Redefining the Convenience Yield in the North Sea Crude Oil Market
Despite falling production volumes and recent modifications to the way it is traded and prices reported, Brent crude oil produced in the North Sea remains the dominant marker grade for most of the crude oil produced and consumed outside of the Americas. This paper derives from a fundamental observation made by Paul Horsnell and Robert Mabro1 which is that 80% of the physical, so called, dated Brent cargoes traded are still to be loaded at the time of the transaction. From its inception, the logistics of the Brent market meant that there was an average gap of roughly thirteen days between a dated Brent contract agreement being made and the first day of the three-day date range when the parcel of oil is to be loaded on to the vessel. Recent contract reforms now mean the gap has been extended to an average gap of 17 days. This is not the case, for example, in the market for West Texas Intermediate (WTI) which is the dominant crude oil marker grade for the Americas.
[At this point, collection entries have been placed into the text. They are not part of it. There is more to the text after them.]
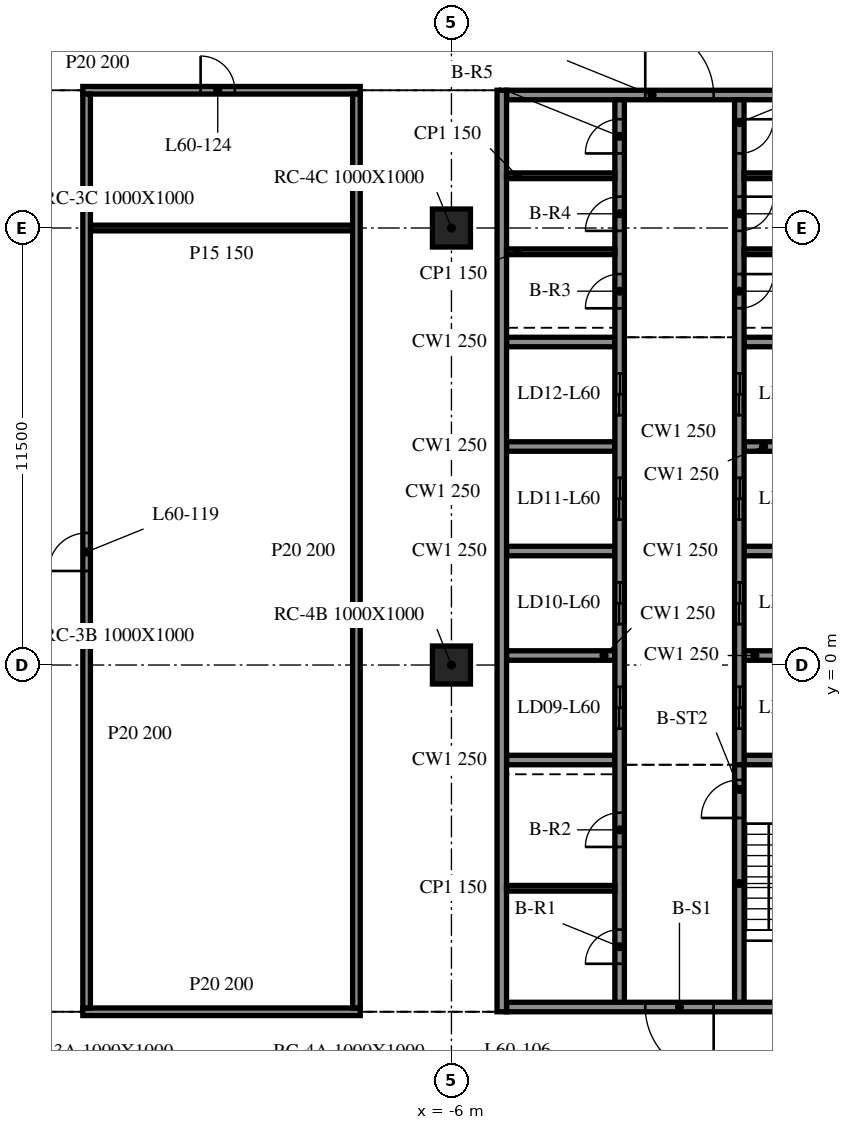
"""IFC4 building model, lengths in metres.
Left out: names, types, materials, properties, quantities, classifications, styles, units other than length and angle.
Written with IfcOpenShell. Run it as: python <this file> out.ifc"""

import sys

from ifc_helpers import new_model, si_unit, direction, frame, frame_2d, origin, origin_2d, place, context, subcontext, project, spatial, rectangle, extrude, element, fill, save


model = new_model("IFC4")
c1 = context("Model", 3, precision=1e-05, world=origin(), true_north=direction((0.0, 1.0)))
c2 = subcontext(c1, "Body", "Model", "MODEL_VIEW")
j1 = project(units=[si_unit("LENGTHUNIT", "METRE"), si_unit("PLANEANGLEUNIT", "RADIAN")], contexts=[c1])
p1 = place(None, origin())
s1 = spatial("IfcSite", under=j1, at=p1, CompositionType="ELEMENT")
p2 = place(p1, origin())
s2 = spatial("IfcBuilding", under=s1, at=p2, CompositionType="ELEMENT")
p3 = place(p2, frame((0.0, 0.0, 247.6)))
s3 = spatial("IfcBuildingStorey", under=s2, at=p3, CompositionType="ELEMENT", Elevation=247.6)
for number, where, z_axis, x_axis in (
    (1, (-6.0, 0.0, -0.34), (0.0, 0.0, 1.0), (1.0, 0.0, 0.0)),
    (2, (-6.0, 11.5, -0.34), (0.0, 0.0, 1.0), (1.0, 0.0, 0.0)),
):
    element("IfcColumn", number, at=place(p3, frame(where, z_axis=z_axis, x_axis=x_axis)), inside=s3, PredefinedType="COLUMN", context=c2, shape_type="SweptSolid", body=[
        extrude(rectangle(XDim=1.0, YDim=1.0, at=origin_2d()), origin(), (0.0, 0.0, 1.0), 3.8),
    ])
p4 = place(p3, frame((-4.675, 15.125, 0.0), z_axis=(0.0, 0.0, 1.0), x_axis=(0.0, -1.0, 0.0)))
e3 = element("IfcWall", 3, at=p4, inside=s3, PredefinedType="SOLIDWALL", context=c2, shape_type="SweptSolid", body=[
    extrude(rectangle(XDim=24.25, YDim=0.25, at=frame_2d((12.125, 0.0))), origin(), (0.0, 0.0, 1.0), 3.46),
])
p5 = place(p3, frame((4.55, -9.0, 0.0), z_axis=(0.0, 0.0, 1.0), x_axis=(-1.0, 0.0, 0.0)))
e4 = element("IfcWall", 4, at=p5, inside=s3, PredefinedType="SOLIDWALL", context=c2, shape_type="SweptSolid", body=[
    extrude(rectangle(XDim=9.1, YDim=0.25, at=frame_2d((4.55, 0.0))), origin(), (0.0, 0.0, 1.0), 3.46),
])
p6 = place(p5, frame((3.65, 0.0, 0.0)))
e5 = element("IfcOpeningElement", 5, at=p6, cuts=e4, PredefinedType="OPENING", context=c2, shape_type="SweptSolid", body=[
    extrude(rectangle(XDim=1.8, YDim=2.1, at=frame_2d((0.9, 1.05))), frame((0.0, 0.135, 0.0), z_axis=(0.0, -1.0, 0.0), x_axis=(1.0, 0.0, 0.0)), (0.0, 0.0, 1.0), 0.27),
])
p7 = place(p3, frame((-4.55, 15.0, 0.0), z_axis=(0.0, 0.0, 1.0), x_axis=(1.0, 0.0, 0.0)))
e6 = element("IfcWall", 6, at=p7, inside=s3, PredefinedType="SOLIDWALL", context=c2, shape_type="SweptSolid", body=[
    extrude(rectangle(XDim=9.1, YDim=0.25, at=frame_2d((4.55, 0.0))), origin(), (0.0, 0.0, 1.0), 3.46),
])
p8 = place(p7, frame((3.65, 0.0, 0.0)))
e7 = element("IfcOpeningElement", 7, at=p8, cuts=e6, PredefinedType="OPENING", context=c2, shape_type="SweptSolid", body=[
    extrude(rectangle(XDim=1.8, YDim=2.1, at=frame_2d((0.9, 1.05))), frame((0.0, 0.135, 0.0), z_axis=(0.0, -1.0, 0.0), x_axis=(1.0, 0.0, 0.0)), (0.0, 0.0, 1.0), 0.27),
])
p9 = place(p3, frame((-1.575, -8.875, 0.0), z_axis=(0.0, 0.0, 1.0), x_axis=(0.0, 1.0, 0.0)))
e8 = element("IfcWall", 8, at=p9, inside=s3, PredefinedType="SOLIDWALL", context=c2, shape_type="SweptSolid", body=[
    extrude(rectangle(XDim=23.75, YDim=0.25, at=frame_2d((11.875, 0.0))), origin(), (0.0, 0.0, 1.0), 3.46),
])
p10 = place(p9, frame((7.2, 0.0, 0.0)))
e9 = element("IfcOpeningElement", 9, at=p10, cuts=e8, PredefinedType="OPENING", context=c2, shape_type="SweptSolid", body=[
    extrude(rectangle(XDim=1.1, YDim=2.1, at=frame_2d((0.55, 1.05))), frame((0.0, 0.135, 0.0), z_axis=(0.0, -1.0, 0.0), x_axis=(1.0, 0.0, 0.0)), (0.0, 0.0, 1.0), 0.27),
])
p11 = place(p9, frame((9.95, 0.0, 0.0)))
e10 = element("IfcOpeningElement", 10, at=p11, cuts=e8, PredefinedType="OPENING", context=c2, shape_type="SweptSolid", body=[
    extrude(rectangle(XDim=1.1, YDim=2.1, at=frame_2d((0.55, 1.05))), frame((0.0, 0.135, 0.0), z_axis=(0.0, -1.0, 0.0), x_axis=(1.0, 0.0, 0.0)), (0.0, 0.0, 1.0), 0.27),
])
p12 = place(p9, frame((12.7, 0.0, 0.0)))
e11 = element("IfcOpeningElement", 11, at=p12, cuts=e8, PredefinedType="OPENING", context=c2, shape_type="SweptSolid", body=[
    extrude(rectangle(XDim=1.1, YDim=2.1, at=frame_2d((0.55, 1.05))), frame((0.0, 0.135, 0.0), z_axis=(0.0, -1.0, 0.0), x_axis=(1.0, 0.0, 0.0)), (0.0, 0.0, 1.0), 0.27),
])
p13 = place(p9, frame((15.45, 0.0, 0.0)))
e12 = element("IfcOpeningElement", 12, at=p13, cuts=e8, PredefinedType="OPENING", context=c2, shape_type="SweptSolid", body=[
    extrude(rectangle(XDim=1.1, YDim=2.1, at=frame_2d((0.55, 1.05))), frame((0.0, 0.135, 0.0), z_axis=(0.0, -1.0, 0.0), x_axis=(1.0, 0.0, 0.0)), (0.0, 0.0, 1.0), 0.27),
])
p14 = place(p9, frame((1.012, 0.0, 0.0)))
e13 = element("IfcOpeningElement", 13, at=p14, cuts=e8, PredefinedType="OPENING", context=c2, shape_type="SweptSolid", body=[
    extrude(rectangle(XDim=0.9, YDim=2.1, at=frame_2d((0.45, 1.05))), frame((0.0, 0.135, 0.0), z_axis=(0.0, -1.0, 0.0), x_axis=(1.0, 0.0, 0.0)), (0.0, 0.0, 1.0), 0.27),
])
p15 = place(p9, frame((4.087, 0.0, 0.0)))
e14 = element("IfcOpeningElement", 14, at=p15, cuts=e8, PredefinedType="OPENING", context=c2, shape_type="SweptSolid", body=[
    extrude(rectangle(XDim=0.9, YDim=2.1, at=frame_2d((0.45, 1.05))), frame((0.0, 0.135, 0.0), z_axis=(0.0, -1.0, 0.0), x_axis=(1.0, 0.0, 0.0)), (0.0, 0.0, 1.0), 0.27),
])
p16 = place(p9, frame((18.262, 0.0, 0.0)))
e15 = element("IfcOpeningElement", 15, at=p16, cuts=e8, PredefinedType="OPENING", context=c2, shape_type="SweptSolid", body=[
    extrude(rectangle(XDim=0.9, YDim=2.1, at=frame_2d((0.45, 1.05))), frame((0.0, 0.135, 0.0), z_axis=(0.0, -1.0, 0.0), x_axis=(1.0, 0.0, 0.0)), (0.0, 0.0, 1.0), 0.27),
])
p17 = place(p9, frame((20.3, 0.0, 0.0)))
e16 = element("IfcOpeningElement", 16, at=p17, cuts=e8, PredefinedType="OPENING", context=c2, shape_type="SweptSolid", body=[
    extrude(rectangle(XDim=0.9, YDim=2.1, at=frame_2d((0.45, 1.05))), frame((0.0, 0.135, 0.0), z_axis=(0.0, -1.0, 0.0), x_axis=(1.0, 0.0, 0.0)), (0.0, 0.0, 1.0), 0.27),
])
p18 = place(p9, frame((22.337, 0.0, 0.0)))
e17 = element("IfcOpeningElement", 17, at=p18, cuts=e8, PredefinedType="OPENING", context=c2, shape_type="SweptSolid", body=[
    extrude(rectangle(XDim=0.9, YDim=2.1, at=frame_2d((0.45, 1.05))), frame((0.0, 0.135, 0.0), z_axis=(0.0, -1.0, 0.0), x_axis=(1.0, 0.0, 0.0)), (0.0, 0.0, 1.0), 0.27),
])
p19 = place(p3, frame((1.575, -8.875, 0.0), z_axis=(0.0, 0.0, 1.0), x_axis=(0.0, 1.0, 0.0)))
e18 = element("IfcWall", 18, at=p19, inside=s3, PredefinedType="SOLIDWALL", context=c2, shape_type="SweptSolid", body=[
    extrude(rectangle(XDim=6.25, YDim=0.25, at=frame_2d((3.125, 0.0))), origin(), (0.0, 0.0, 1.0), 3.46),
])
p20 = place(p19, frame((4.85, 0.0, 0.0)))
e19 = element("IfcOpeningElement", 19, at=p20, cuts=e18, PredefinedType="OPENING", context=c2, shape_type="SweptSolid", body=[
    extrude(rectangle(XDim=1.0, YDim=2.1, at=frame_2d((0.5, 1.05))), frame((0.0, 0.135, 0.0), z_axis=(0.0, -1.0, 0.0), x_axis=(1.0, 0.0, 0.0)), (0.0, 0.0, 1.0), 0.27),
])
p21 = place(p3, frame((1.575, 14.875, 0.0), z_axis=(0.0, 0.0, 1.0), x_axis=(0.0, -1.0, 0.0)))
e20 = element("IfcWall", 20, at=p21, inside=s3, PredefinedType="SOLIDWALL", context=c2, shape_type="SweptSolid", body=[
    extrude(rectangle(XDim=17.5, YDim=0.25, at=frame_2d((8.75, 0.0))), origin(), (0.0, 0.0, 1.0), 3.46),
])
p22 = place(p21, frame((15.45, 0.0, 0.0)))
e21 = element("IfcOpeningElement", 21, at=p22, cuts=e20, PredefinedType="OPENING", context=c2, shape_type="SweptSolid", body=[
    extrude(rectangle(XDim=1.1, YDim=2.1, at=frame_2d((0.55, 1.05))), frame((0.0, 0.135, 0.0), z_axis=(0.0, -1.0, 0.0), x_axis=(1.0, 0.0, 0.0)), (0.0, 0.0, 1.0), 0.27),
])
p23 = place(p21, frame((12.7, 0.0, 0.0)))
e22 = element("IfcOpeningElement", 22, at=p23, cuts=e20, PredefinedType="OPENING", context=c2, shape_type="SweptSolid", body=[
    extrude(rectangle(XDim=1.1, YDim=2.1, at=frame_2d((0.55, 1.05))), frame((0.0, 0.135, 0.0), z_axis=(0.0, -1.0, 0.0), x_axis=(1.0, 0.0, 0.0)), (0.0, 0.0, 1.0), 0.27),
])
p24 = place(p21, frame((9.95, 0.0, 0.0)))
e23 = element("IfcOpeningElement", 23, at=p24, cuts=e20, PredefinedType="OPENING", context=c2, shape_type="SweptSolid", body=[
    extrude(rectangle(XDim=1.1, YDim=2.1, at=frame_2d((0.55, 1.05))), frame((0.0, 0.135, 0.0), z_axis=(0.0, -1.0, 0.0), x_axis=(1.0, 0.0, 0.0)), (0.0, 0.0, 1.0), 0.27),
])
p25 = place(p21, frame((7.2, 0.0, 0.0)))
e24 = element("IfcOpeningElement", 24, at=p25, cuts=e20, PredefinedType="OPENING", context=c2, shape_type="SweptSolid", body=[
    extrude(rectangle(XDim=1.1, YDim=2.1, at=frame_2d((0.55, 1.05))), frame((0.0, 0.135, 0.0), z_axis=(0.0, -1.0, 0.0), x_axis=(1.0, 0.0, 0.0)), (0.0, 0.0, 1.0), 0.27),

Spot WTI is traded for immediate delivery. Given the
importance of dated Brent crude as a marker, this observation has an important impact on the way we represent the term structure of spot and forward prices of Brent crude. Horsnell and Mabro did not develop their observation further but it has implications for the classical formulation of convenience yield and the theory of storage in relation to the North Sea oil market.